Vers la mi-décembre, le bateau pénètre dans l’archipel des Chonos, au sud des Chiloé. Lors d’une magnifique randonnée, Darwin tombe sur des traces témoignant du passage d’un homme dans cette contrée pourtant inhabitée… L’explication viendra quelques jours plus tard. En effet, les explorateurs tombent nez à nez avec des matelots qui ont déserté un baleinier américain. Ils errent depuis quinze mois sur la côte sans savoir où ils se trouvent! Leur accueil à bord du Beagle les sauve d’une mort certaine. Le nouvel an 1835 sera marqué, sans surprise, par une énième tempête. Ce temps épouvantable n’empêche pas le courageux naturaliste de multiplier ses observations affûtées: troupeaux de phoques puants, vautours prêts à dévorer leurs cadavres, cygnes à cou noir, cormorans, sternes, goélands, loutres, castors, oiseaux aboyeurs, myriades de pétrels, champs de fuchsias…

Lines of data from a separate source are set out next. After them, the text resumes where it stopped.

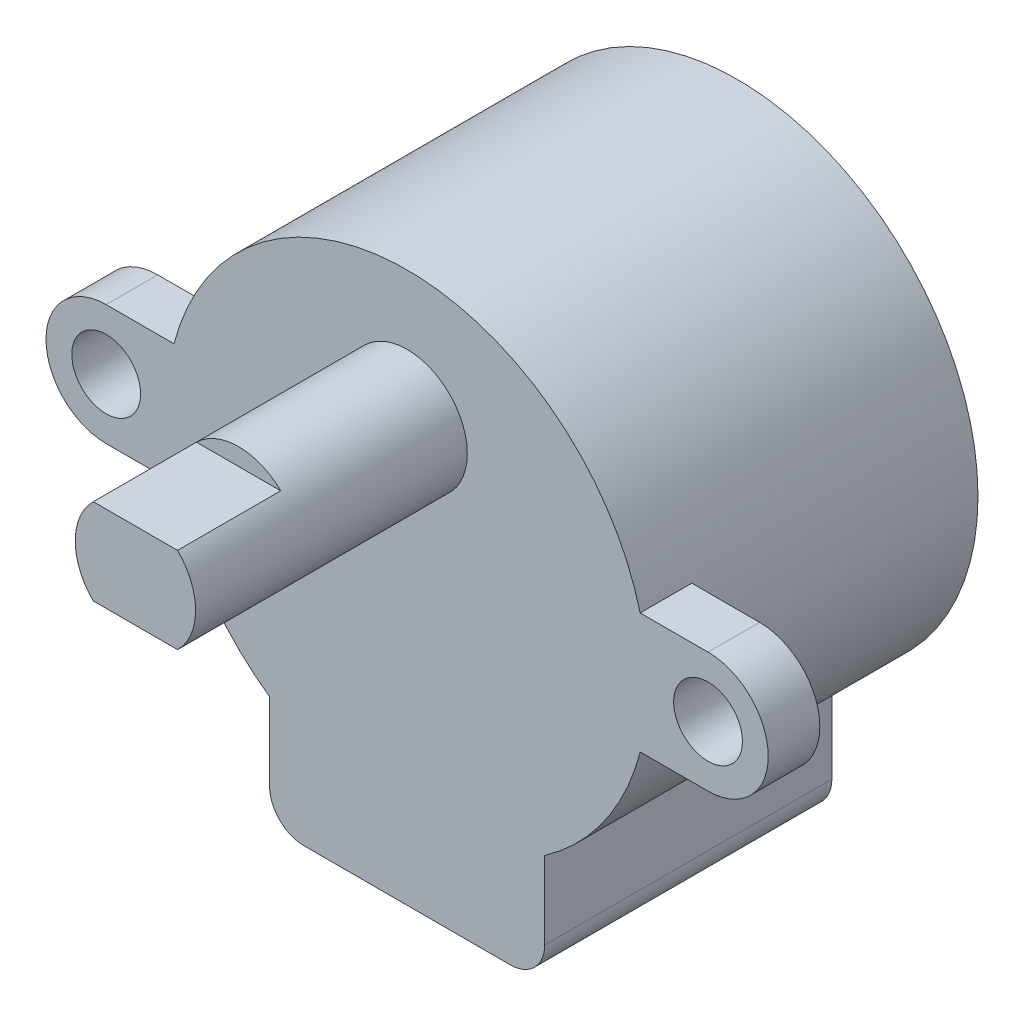
from build123d import *

# Parameters (mm, degrees)
SKETCH_1_3_R        = 2.5
BOSS_EXTRUDE1_DEPTH = 19.2
SKETCH_1_3_2_R      = 2
BOSS_EXTRUDE2_DEPTH = 3
SKETCH2_R           = 3.5
BOSS_EXTRUDE3_DEPTH = 35
CUT_EXTRUDE1_START  = -2.5
CUT_EXTRUDE1_DEPTH  = 2.5
SKETCH6_W           = 6
SKETCH6_H           = 1
CUT_EXTRUDE2_DEPTH  = 5
SCALE1_SCALE        = 0.6


with BuildPart() as part:
    # Sketch 1_3 → Boss-Extrude1 (new body)
    # profile 1 of 3: a face of its own
    with BuildSketch(Plane.XY):
        with BuildLine():
            ThreePointArc((14, 0), (0, 14), (-14, 0))
            ThreePointArc((-14, 0), (0, -14), (14, 0))
        make_face()
        with Locations((0, 6.5)):
            Circle(SKETCH_1_3_R, mode=Mode.SUBTRACT)
    # profile 2 of 3: a face of its own
    with BuildSketch(Plane.XY):
        with BuildLine():
            Line((8, -16), (8, -11.489125293))
            ThreePointArc((8, -11.489125293), (4.192388692, -13.357540082), (0, -14))
            Line((0, -14), (0, -18))
            Line((0, -18), (6, -18))
            ThreePointArc((6, -18), (7.414213562, -17.414213562), (8, -16))
        make_face()
    # profile 3 of 3: a face of its own
    with BuildSketch(Plane.XY):
        with BuildLine():
            Line((0, -18), (0, -14))
            ThreePointArc((0, -14), (-4.192388692, -13.357540082), (-8, -11.489125293))
            Line((-8, -11.489125293), (-8, -16))
            ThreePointArc((-8, -16), (-7.414213562, -17.414213562), (-6, -18))
            Line((-6, -18), (0, -18))
        make_face()
    extrude(amount=-BOSS_EXTRUDE1_DEPTH)

    # Sketch 1_3 2 → Boss-Extrude2 (add)
    # profile 1 of 2: a face of its own
    with BuildSketch(Plane.XY):
        with BuildLine():
            ThreePointArc((-14, 0), (-13.888415748, 1.764060095), (-13.555441712, 3.5))
            Line((-13.555441712, 3.5), (-17.5, 3.5))
            ThreePointArc((-17.5, 3.5), (-21, 0), (-17.5, -3.5))
            Line((-17.5, -3.5), (-13.555441712, -3.5))
            ThreePointArc((-13.555441712, -3.5), (-13.888415748, -1.764060095), (-14, 0))
        make_face()
        with Locations((-17.5, 0)):
            Circle(SKETCH_1_3_2_R, mode=Mode.SUBTRACT)
    # profile 2 of 2: a face of its own
    with BuildSketch(Plane.XY):
        with BuildLine():
            Line((13.555441712, -3.5), (17.5, -3.5))
            ThreePointArc((17.5, -3.5), (21, 0), (17.5, 3.5))
            Line((17.5, 3.5), (13.555441712, 3.5))
            ThreePointArc((13.555441712, 3.5), (13.888415748, 1.764060095), (14, 0))
            ThreePointArc((14, 0), (13.888415748, -1.764060095), (13.555441712, -3.5))
        make_face()
        with Locations((17.5, 0)):
            Circle(SKETCH_1_3_2_R, mode=Mode.SUBTRACT)
    extrude(amount=-BOSS_EXTRUDE2_DEPTH)

    # Sketch2 → Boss-Extrude3 (add)
    with BuildSketch(Plane(origin=(0, 0, -19.2), x_dir=(-1, 0, 0), z_dir=(0, 0, -1))):
        with Locations((0, 6.5)):
            Circle(SKETCH2_R)
    extrude(amount=-BOSS_EXTRUDE3_DEPTH)

    # Sketch5 → Cut-Extrude1 (cut)
    with BuildSketch(Plane(origin=(0, 0, -19.2), x_dir=(-1, 0, 0), z_dir=(0, 0, -1)).offset(CUT_EXTRUDE1_START)):
        with BuildLine():
            Line((-8, -11.489125293), (-8, -16))
            ThreePointArc((-8, -16), (-7.414213562, -17.414213562), (-6, -18))
            Line((-6, -18), (6, -18))
            ThreePointArc((6, -18), (7.414213562, -17.414213562), (8, -16))
            Line((8, -16), (8, -11.489125293))
            ThreePointArc((8, -11.489125293), (0, -14), (-8, -11.489125293))
        make_face()
    extrude(amount=CUT_EXTRUDE1_DEPTH, mode=Mode.SUBTRACT)

    # Sketch6 → Cut-Extrude2 (cut, symmetric)
    with BuildSketch(Plane(origin=(0, 0, 0), x_dir=(0, 0, -1), z_dir=(1, 0, 0))):
        with Locations((-12.8, 9.5)):
            Rectangle(SKETCH6_W, SKETCH6_H)
        with Locations((-12.8, 3.5)):
            Rectangle(SKETCH6_W, SKETCH6_H)
    extrude(amount=CUT_EXTRUDE2_DEPTH, both=True, mode=Mode.SUBTRACT)


with BuildPart() as part_1:
    # Scale1: scaled about (0, 0, 0)
    add(part.part.scale(SCALE1_SCALE))


solid = part_1.part

Le 18 janvier, le voilier est de retour dans la baie de San Carlos aux Chiloé. Le lendemain, Darwin assiste à l’éruption de l’Osorno! Il apprendra plus tard que plusieurs volcans de cette partie de l’Amérique du Sud sont entrés en éruption le même jour et s’interrogera sur leur possible communication souterraine.
Le 4 février les explorateurs filent vers Valdivia sur la côte chilienne où les attend…un tremblement de terre!